Several are quite new to be considered classics—Radio Golf and Rock 'n' Roll both are 21st-century plays—while others are burnished with age. New or old, they are worthy works of wit and wisdom which we warmly welcome! Shows are listed in order of production dates including preview performances. The first four shows already are running.

—Radio Golf: The final work in August Wilson's 10-play Century Cycle is set in Pittsburgh's gentrifying Hill District in the 1990s and features descendants of characters from several earlier plays. Wilson deals with serious issues, yet the play mainly is a comedy with an upbeat ending. Court Theatre offers an astonishing cast—James T. Alfred, Allen Gilmore, Ann Joseph, James Vincent Meredith, and Alfred H. Wilson—under director Ron OJ Parsons. Running through Sept. 30 at Court Theatre. Info/tickets: CourtTheatre.org .

—Six Degrees of Separation: New York City's glitterati know that Old Money hires a driver while the Nouveau Riche hire a chauffeur. But how does this white elite respond when the son of a famous African-American celebrity charms them? Should they trust this total stranger? Veteran director Steve Scott tackles this award-winning John Guare comedy in Red Twist's intimate space, which will make you feel like part of the family, so remember that a pot of jam is the perfect gift. Running through Oct. 7 at Red Twist Theatre. Info/tickets: Redtwist.org .
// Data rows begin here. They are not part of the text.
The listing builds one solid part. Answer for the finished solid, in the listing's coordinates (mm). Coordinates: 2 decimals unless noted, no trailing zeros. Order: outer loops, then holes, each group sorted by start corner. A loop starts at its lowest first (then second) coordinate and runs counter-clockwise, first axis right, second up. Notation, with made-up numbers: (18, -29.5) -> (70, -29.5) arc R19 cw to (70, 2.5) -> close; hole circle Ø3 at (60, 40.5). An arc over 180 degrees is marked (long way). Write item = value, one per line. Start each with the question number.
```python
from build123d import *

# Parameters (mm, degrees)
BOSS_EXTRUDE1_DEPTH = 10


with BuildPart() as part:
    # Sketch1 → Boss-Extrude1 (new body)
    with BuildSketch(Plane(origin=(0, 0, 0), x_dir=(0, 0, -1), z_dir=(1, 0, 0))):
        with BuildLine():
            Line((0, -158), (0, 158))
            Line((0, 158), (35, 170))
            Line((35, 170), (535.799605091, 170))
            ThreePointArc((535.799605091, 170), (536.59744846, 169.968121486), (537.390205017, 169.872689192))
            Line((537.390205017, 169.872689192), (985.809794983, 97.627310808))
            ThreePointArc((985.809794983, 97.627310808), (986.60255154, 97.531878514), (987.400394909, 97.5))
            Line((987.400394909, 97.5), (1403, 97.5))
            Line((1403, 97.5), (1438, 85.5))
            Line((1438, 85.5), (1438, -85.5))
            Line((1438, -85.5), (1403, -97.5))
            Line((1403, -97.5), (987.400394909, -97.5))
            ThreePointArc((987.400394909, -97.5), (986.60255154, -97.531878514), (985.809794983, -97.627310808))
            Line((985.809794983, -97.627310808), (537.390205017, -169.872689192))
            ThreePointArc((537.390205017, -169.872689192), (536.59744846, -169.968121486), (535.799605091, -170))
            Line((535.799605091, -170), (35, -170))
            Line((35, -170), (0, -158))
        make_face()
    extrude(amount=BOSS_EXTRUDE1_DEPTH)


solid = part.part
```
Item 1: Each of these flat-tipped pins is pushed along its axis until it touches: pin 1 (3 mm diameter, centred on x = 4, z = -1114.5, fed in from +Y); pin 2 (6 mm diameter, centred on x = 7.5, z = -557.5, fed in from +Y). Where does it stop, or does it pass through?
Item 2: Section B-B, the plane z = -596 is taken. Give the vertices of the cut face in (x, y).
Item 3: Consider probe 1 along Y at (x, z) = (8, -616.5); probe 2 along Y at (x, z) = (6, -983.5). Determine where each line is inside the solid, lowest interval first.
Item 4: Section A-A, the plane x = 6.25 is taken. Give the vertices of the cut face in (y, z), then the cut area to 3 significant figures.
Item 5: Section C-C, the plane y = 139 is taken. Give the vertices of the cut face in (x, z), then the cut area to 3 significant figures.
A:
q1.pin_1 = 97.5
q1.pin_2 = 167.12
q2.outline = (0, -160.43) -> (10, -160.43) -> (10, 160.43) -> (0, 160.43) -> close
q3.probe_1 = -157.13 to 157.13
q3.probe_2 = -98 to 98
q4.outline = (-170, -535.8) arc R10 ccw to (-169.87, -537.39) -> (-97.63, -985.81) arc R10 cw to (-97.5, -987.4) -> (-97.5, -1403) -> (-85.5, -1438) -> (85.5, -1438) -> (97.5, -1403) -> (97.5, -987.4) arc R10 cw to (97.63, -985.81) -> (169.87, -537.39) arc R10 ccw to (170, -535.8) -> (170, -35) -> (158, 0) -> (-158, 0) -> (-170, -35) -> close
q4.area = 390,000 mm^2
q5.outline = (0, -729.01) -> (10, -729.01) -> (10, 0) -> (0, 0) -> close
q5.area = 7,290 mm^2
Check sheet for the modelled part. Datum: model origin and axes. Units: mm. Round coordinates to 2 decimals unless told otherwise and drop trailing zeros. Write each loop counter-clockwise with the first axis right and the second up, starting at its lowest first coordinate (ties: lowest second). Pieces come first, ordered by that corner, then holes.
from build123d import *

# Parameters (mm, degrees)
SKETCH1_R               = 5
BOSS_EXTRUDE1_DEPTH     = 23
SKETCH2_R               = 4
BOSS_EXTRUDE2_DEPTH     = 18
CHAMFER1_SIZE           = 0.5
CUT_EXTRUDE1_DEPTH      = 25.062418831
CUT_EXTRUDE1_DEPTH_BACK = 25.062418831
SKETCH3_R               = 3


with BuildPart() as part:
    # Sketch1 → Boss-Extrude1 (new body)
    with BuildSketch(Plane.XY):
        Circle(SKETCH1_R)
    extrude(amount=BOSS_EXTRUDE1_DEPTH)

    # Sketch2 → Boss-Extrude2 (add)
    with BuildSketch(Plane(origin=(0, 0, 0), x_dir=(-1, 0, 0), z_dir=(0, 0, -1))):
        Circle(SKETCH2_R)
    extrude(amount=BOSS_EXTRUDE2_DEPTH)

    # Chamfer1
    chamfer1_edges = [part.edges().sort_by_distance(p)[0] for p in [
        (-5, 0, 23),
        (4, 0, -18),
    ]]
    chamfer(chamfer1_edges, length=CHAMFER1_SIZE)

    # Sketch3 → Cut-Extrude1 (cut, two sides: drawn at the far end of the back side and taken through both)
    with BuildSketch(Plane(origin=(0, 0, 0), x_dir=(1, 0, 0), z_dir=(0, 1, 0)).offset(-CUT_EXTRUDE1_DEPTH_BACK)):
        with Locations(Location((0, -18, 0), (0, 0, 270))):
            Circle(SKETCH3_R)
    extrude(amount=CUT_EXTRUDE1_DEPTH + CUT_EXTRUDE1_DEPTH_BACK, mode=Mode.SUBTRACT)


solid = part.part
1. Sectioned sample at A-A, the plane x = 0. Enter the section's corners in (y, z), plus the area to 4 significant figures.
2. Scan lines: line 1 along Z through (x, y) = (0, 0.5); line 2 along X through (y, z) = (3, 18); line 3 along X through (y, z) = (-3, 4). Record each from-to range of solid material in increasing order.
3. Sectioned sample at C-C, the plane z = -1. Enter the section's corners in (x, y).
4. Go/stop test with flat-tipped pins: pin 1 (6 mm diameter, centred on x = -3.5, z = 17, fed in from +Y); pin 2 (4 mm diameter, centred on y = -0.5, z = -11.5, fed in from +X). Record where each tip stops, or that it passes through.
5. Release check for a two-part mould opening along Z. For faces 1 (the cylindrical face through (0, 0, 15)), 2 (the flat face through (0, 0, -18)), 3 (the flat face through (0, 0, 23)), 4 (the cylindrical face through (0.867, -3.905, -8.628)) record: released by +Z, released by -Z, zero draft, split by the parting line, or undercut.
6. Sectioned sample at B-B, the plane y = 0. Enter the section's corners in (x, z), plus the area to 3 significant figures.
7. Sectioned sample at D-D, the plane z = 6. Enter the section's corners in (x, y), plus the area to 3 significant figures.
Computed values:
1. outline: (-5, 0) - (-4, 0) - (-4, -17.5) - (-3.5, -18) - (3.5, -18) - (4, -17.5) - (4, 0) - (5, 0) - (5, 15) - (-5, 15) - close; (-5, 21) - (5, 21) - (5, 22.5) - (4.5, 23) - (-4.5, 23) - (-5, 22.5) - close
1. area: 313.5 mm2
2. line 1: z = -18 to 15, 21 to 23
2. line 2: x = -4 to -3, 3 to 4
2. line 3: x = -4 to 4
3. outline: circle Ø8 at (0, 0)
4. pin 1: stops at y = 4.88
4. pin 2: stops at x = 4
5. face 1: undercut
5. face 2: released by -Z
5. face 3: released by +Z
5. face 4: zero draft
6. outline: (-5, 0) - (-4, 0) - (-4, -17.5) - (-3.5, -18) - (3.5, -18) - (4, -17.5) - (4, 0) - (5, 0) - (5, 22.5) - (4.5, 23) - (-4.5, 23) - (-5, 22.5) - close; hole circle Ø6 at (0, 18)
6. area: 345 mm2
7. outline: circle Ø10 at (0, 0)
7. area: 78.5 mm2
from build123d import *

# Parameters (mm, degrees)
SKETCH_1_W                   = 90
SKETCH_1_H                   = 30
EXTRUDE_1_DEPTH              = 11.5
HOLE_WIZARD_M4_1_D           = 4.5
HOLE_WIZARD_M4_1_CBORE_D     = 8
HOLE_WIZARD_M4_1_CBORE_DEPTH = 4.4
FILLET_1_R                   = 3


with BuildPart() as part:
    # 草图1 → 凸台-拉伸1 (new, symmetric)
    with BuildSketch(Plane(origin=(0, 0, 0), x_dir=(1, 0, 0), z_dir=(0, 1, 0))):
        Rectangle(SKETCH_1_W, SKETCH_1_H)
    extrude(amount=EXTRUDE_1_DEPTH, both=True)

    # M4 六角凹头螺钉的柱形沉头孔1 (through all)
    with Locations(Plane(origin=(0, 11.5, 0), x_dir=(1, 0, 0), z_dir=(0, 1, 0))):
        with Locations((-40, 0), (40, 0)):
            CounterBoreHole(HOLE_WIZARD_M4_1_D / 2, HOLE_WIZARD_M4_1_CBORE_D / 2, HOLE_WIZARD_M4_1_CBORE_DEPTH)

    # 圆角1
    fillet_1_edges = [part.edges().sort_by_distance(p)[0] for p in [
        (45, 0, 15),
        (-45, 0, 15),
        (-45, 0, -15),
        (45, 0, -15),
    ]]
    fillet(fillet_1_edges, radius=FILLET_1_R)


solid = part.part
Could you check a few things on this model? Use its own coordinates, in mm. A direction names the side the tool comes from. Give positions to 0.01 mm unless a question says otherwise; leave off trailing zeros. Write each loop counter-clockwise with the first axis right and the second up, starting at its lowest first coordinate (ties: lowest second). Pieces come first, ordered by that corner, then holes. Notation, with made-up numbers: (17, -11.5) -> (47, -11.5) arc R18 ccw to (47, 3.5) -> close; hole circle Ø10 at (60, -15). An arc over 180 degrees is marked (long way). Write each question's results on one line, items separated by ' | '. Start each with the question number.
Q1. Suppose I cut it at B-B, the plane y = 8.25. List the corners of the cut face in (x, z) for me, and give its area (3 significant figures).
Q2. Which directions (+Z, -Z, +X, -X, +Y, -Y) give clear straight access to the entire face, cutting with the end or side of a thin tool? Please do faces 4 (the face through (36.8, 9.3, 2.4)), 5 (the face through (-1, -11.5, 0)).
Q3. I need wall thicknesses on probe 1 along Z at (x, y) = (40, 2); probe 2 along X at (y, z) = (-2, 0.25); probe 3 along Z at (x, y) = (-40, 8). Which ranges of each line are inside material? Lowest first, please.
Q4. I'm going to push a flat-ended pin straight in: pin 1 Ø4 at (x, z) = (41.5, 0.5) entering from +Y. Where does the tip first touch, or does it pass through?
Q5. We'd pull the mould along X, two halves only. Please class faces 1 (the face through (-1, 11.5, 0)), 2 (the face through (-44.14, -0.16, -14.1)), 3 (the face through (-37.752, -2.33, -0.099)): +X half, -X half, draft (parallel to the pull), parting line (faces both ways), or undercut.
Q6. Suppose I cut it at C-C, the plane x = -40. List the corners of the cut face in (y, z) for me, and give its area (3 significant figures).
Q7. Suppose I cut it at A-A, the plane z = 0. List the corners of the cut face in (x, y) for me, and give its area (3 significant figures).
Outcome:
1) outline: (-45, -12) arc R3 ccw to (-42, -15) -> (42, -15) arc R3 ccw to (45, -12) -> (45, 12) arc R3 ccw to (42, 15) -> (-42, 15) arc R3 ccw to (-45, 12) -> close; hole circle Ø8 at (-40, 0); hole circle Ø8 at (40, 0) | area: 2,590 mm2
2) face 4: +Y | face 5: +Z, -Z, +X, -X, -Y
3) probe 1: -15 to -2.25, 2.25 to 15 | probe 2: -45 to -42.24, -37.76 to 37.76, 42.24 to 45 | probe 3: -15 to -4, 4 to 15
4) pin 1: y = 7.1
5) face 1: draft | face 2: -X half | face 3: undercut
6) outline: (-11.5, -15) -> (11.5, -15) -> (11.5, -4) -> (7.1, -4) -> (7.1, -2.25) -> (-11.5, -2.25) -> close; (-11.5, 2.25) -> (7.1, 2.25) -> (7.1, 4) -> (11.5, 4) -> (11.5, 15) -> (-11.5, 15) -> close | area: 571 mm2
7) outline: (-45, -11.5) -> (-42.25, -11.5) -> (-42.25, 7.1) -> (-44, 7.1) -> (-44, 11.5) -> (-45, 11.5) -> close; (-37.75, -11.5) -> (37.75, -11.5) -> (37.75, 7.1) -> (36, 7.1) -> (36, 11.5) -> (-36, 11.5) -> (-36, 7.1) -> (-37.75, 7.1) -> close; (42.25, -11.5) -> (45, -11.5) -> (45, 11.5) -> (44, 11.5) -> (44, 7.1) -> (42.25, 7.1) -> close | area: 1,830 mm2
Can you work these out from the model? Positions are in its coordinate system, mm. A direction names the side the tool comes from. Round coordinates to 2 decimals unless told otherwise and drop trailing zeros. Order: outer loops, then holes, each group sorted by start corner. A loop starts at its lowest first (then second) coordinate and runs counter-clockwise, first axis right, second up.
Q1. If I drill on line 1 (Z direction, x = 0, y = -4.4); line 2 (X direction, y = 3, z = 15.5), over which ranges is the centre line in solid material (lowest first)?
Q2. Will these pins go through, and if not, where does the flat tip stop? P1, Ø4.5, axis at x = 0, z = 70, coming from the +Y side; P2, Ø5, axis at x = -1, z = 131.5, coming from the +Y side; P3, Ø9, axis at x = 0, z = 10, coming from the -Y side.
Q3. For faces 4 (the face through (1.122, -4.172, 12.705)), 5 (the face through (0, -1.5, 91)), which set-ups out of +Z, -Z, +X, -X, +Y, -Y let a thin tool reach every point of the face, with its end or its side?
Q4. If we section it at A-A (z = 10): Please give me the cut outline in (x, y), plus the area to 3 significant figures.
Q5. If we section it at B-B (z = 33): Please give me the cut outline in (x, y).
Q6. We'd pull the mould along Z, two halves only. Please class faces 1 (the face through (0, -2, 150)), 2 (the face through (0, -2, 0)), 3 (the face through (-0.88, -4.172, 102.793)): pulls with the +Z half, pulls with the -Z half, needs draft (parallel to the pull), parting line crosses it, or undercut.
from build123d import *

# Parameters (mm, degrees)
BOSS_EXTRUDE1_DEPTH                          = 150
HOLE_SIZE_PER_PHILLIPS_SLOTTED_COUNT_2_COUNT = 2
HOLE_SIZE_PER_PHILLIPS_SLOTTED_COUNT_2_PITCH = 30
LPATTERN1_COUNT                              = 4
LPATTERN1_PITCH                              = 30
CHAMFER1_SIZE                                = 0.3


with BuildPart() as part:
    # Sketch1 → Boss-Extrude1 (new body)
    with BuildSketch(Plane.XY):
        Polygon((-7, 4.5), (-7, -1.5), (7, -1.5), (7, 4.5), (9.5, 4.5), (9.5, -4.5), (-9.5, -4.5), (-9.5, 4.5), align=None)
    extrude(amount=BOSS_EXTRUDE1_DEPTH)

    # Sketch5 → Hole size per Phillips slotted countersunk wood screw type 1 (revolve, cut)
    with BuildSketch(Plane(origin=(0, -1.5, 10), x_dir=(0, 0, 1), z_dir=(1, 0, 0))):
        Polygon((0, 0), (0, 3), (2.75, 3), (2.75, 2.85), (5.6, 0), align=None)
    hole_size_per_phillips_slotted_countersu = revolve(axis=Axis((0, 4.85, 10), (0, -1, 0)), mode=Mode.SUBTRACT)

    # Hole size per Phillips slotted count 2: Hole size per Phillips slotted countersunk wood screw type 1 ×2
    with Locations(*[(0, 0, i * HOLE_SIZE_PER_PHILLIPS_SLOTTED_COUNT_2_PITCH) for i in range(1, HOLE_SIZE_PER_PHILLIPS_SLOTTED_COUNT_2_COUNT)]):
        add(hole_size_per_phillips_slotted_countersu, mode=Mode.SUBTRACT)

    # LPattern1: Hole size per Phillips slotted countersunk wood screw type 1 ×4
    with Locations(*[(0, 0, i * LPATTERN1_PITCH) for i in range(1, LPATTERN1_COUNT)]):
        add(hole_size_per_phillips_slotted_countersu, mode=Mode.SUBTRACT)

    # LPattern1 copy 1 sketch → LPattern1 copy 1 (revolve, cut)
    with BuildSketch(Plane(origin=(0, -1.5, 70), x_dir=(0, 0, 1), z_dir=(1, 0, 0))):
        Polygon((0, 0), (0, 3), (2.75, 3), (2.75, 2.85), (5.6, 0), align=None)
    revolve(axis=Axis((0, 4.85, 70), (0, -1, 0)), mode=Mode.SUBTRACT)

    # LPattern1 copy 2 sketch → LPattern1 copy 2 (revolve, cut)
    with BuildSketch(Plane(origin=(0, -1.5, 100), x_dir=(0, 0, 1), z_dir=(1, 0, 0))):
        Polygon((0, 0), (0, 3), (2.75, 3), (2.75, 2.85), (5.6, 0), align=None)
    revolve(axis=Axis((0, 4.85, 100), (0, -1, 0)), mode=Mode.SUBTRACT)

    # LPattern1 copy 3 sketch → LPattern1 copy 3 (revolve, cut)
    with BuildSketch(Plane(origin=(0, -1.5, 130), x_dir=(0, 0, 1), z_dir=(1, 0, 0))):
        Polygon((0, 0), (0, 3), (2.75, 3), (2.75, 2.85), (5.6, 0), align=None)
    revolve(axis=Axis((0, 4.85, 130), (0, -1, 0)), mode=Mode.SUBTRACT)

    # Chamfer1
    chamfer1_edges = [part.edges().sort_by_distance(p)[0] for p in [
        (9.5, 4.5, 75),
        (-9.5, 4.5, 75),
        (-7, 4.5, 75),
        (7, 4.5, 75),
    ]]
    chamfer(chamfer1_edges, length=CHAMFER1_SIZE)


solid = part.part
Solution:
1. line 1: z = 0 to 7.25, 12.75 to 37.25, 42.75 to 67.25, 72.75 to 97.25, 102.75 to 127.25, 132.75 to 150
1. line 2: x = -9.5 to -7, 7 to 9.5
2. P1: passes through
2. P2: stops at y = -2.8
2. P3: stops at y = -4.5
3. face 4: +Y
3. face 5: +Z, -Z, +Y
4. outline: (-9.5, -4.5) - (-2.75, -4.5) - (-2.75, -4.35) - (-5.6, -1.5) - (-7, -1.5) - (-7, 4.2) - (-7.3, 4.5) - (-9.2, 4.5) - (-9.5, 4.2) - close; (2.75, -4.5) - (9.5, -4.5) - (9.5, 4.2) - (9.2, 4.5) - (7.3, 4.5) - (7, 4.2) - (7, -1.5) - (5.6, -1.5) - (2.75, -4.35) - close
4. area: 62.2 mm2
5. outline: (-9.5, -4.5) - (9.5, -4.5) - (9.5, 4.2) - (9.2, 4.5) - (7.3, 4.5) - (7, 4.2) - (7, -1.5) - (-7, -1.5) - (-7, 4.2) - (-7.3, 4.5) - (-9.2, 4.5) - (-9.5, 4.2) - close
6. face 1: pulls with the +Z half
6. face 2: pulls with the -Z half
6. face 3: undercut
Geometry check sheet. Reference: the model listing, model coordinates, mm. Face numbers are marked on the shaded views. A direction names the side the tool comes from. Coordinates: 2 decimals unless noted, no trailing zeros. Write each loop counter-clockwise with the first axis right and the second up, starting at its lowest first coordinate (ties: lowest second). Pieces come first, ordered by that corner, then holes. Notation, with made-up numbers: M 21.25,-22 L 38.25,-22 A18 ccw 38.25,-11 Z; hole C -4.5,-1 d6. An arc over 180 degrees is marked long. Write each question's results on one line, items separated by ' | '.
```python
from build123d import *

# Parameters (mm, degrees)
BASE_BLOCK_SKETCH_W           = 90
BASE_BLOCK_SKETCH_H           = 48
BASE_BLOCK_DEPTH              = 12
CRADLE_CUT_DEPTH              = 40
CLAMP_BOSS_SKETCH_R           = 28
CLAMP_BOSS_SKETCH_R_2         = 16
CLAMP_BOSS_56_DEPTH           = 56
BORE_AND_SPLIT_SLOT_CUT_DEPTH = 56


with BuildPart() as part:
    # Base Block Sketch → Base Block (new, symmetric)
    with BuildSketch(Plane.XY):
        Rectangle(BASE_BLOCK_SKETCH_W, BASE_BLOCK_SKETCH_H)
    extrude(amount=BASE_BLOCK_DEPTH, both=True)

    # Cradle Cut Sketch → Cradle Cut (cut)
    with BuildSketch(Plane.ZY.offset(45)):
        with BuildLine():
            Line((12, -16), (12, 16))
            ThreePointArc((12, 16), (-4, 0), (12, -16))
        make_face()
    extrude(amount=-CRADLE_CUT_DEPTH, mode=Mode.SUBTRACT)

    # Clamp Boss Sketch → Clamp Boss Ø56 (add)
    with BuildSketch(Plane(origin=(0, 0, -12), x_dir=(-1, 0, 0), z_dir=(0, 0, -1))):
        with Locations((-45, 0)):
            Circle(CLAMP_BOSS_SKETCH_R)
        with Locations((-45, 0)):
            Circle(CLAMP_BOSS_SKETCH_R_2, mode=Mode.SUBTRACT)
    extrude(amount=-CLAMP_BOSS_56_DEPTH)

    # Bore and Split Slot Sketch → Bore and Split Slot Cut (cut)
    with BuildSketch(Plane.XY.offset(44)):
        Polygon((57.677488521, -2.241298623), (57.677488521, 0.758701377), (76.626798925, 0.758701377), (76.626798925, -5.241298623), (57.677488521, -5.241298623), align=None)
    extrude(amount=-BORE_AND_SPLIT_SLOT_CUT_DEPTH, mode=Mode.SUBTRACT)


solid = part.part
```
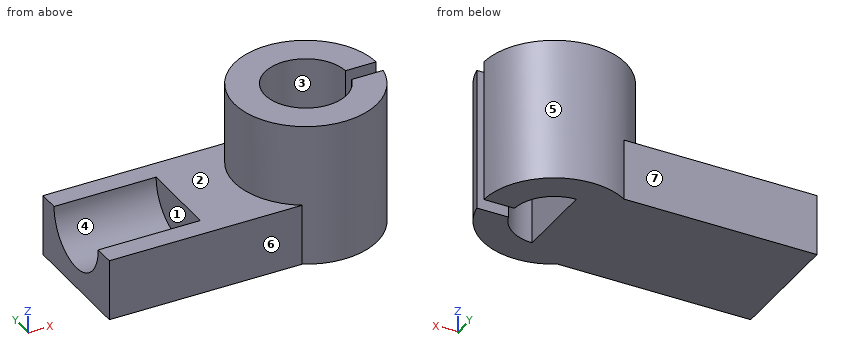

—Arms and the Man: This is one of George Bernard Shaw's most frequently-performed plays and it's one of his best; a charming romantic comedy that doesn't bog down in talk. Its utterly sane arguments against the glorification of combat and war continue to make sense in a world far madder then Shaw ever knew ( although he did live through World War II ). It's City Lit's first Shaw play, directed by the capable Brian Pastor. Running through Oct. 21 at City Lit Theatre. Info/tickets: CityLit.org

—Sweet Charity: Big dance show, great jazzy score by Cy Coleman and Dorothy Fields, a book by Neil Simon and a sexy Cinderella story that almost ends happily—this is one of the great mid-century Broadway musicals. Alex Sanchez is the director/choreographer with Broadway veteran Anne Horak starring as perpetual optimist Charity Hope Valentine. Whether you're a "Big Spender" or you "Love to Cry at Weddings" you might enjoy this one. Running through Oct. 28 at Marriott Theatre, Lincolnshire. Info/tickets: Marriotttheatre.com .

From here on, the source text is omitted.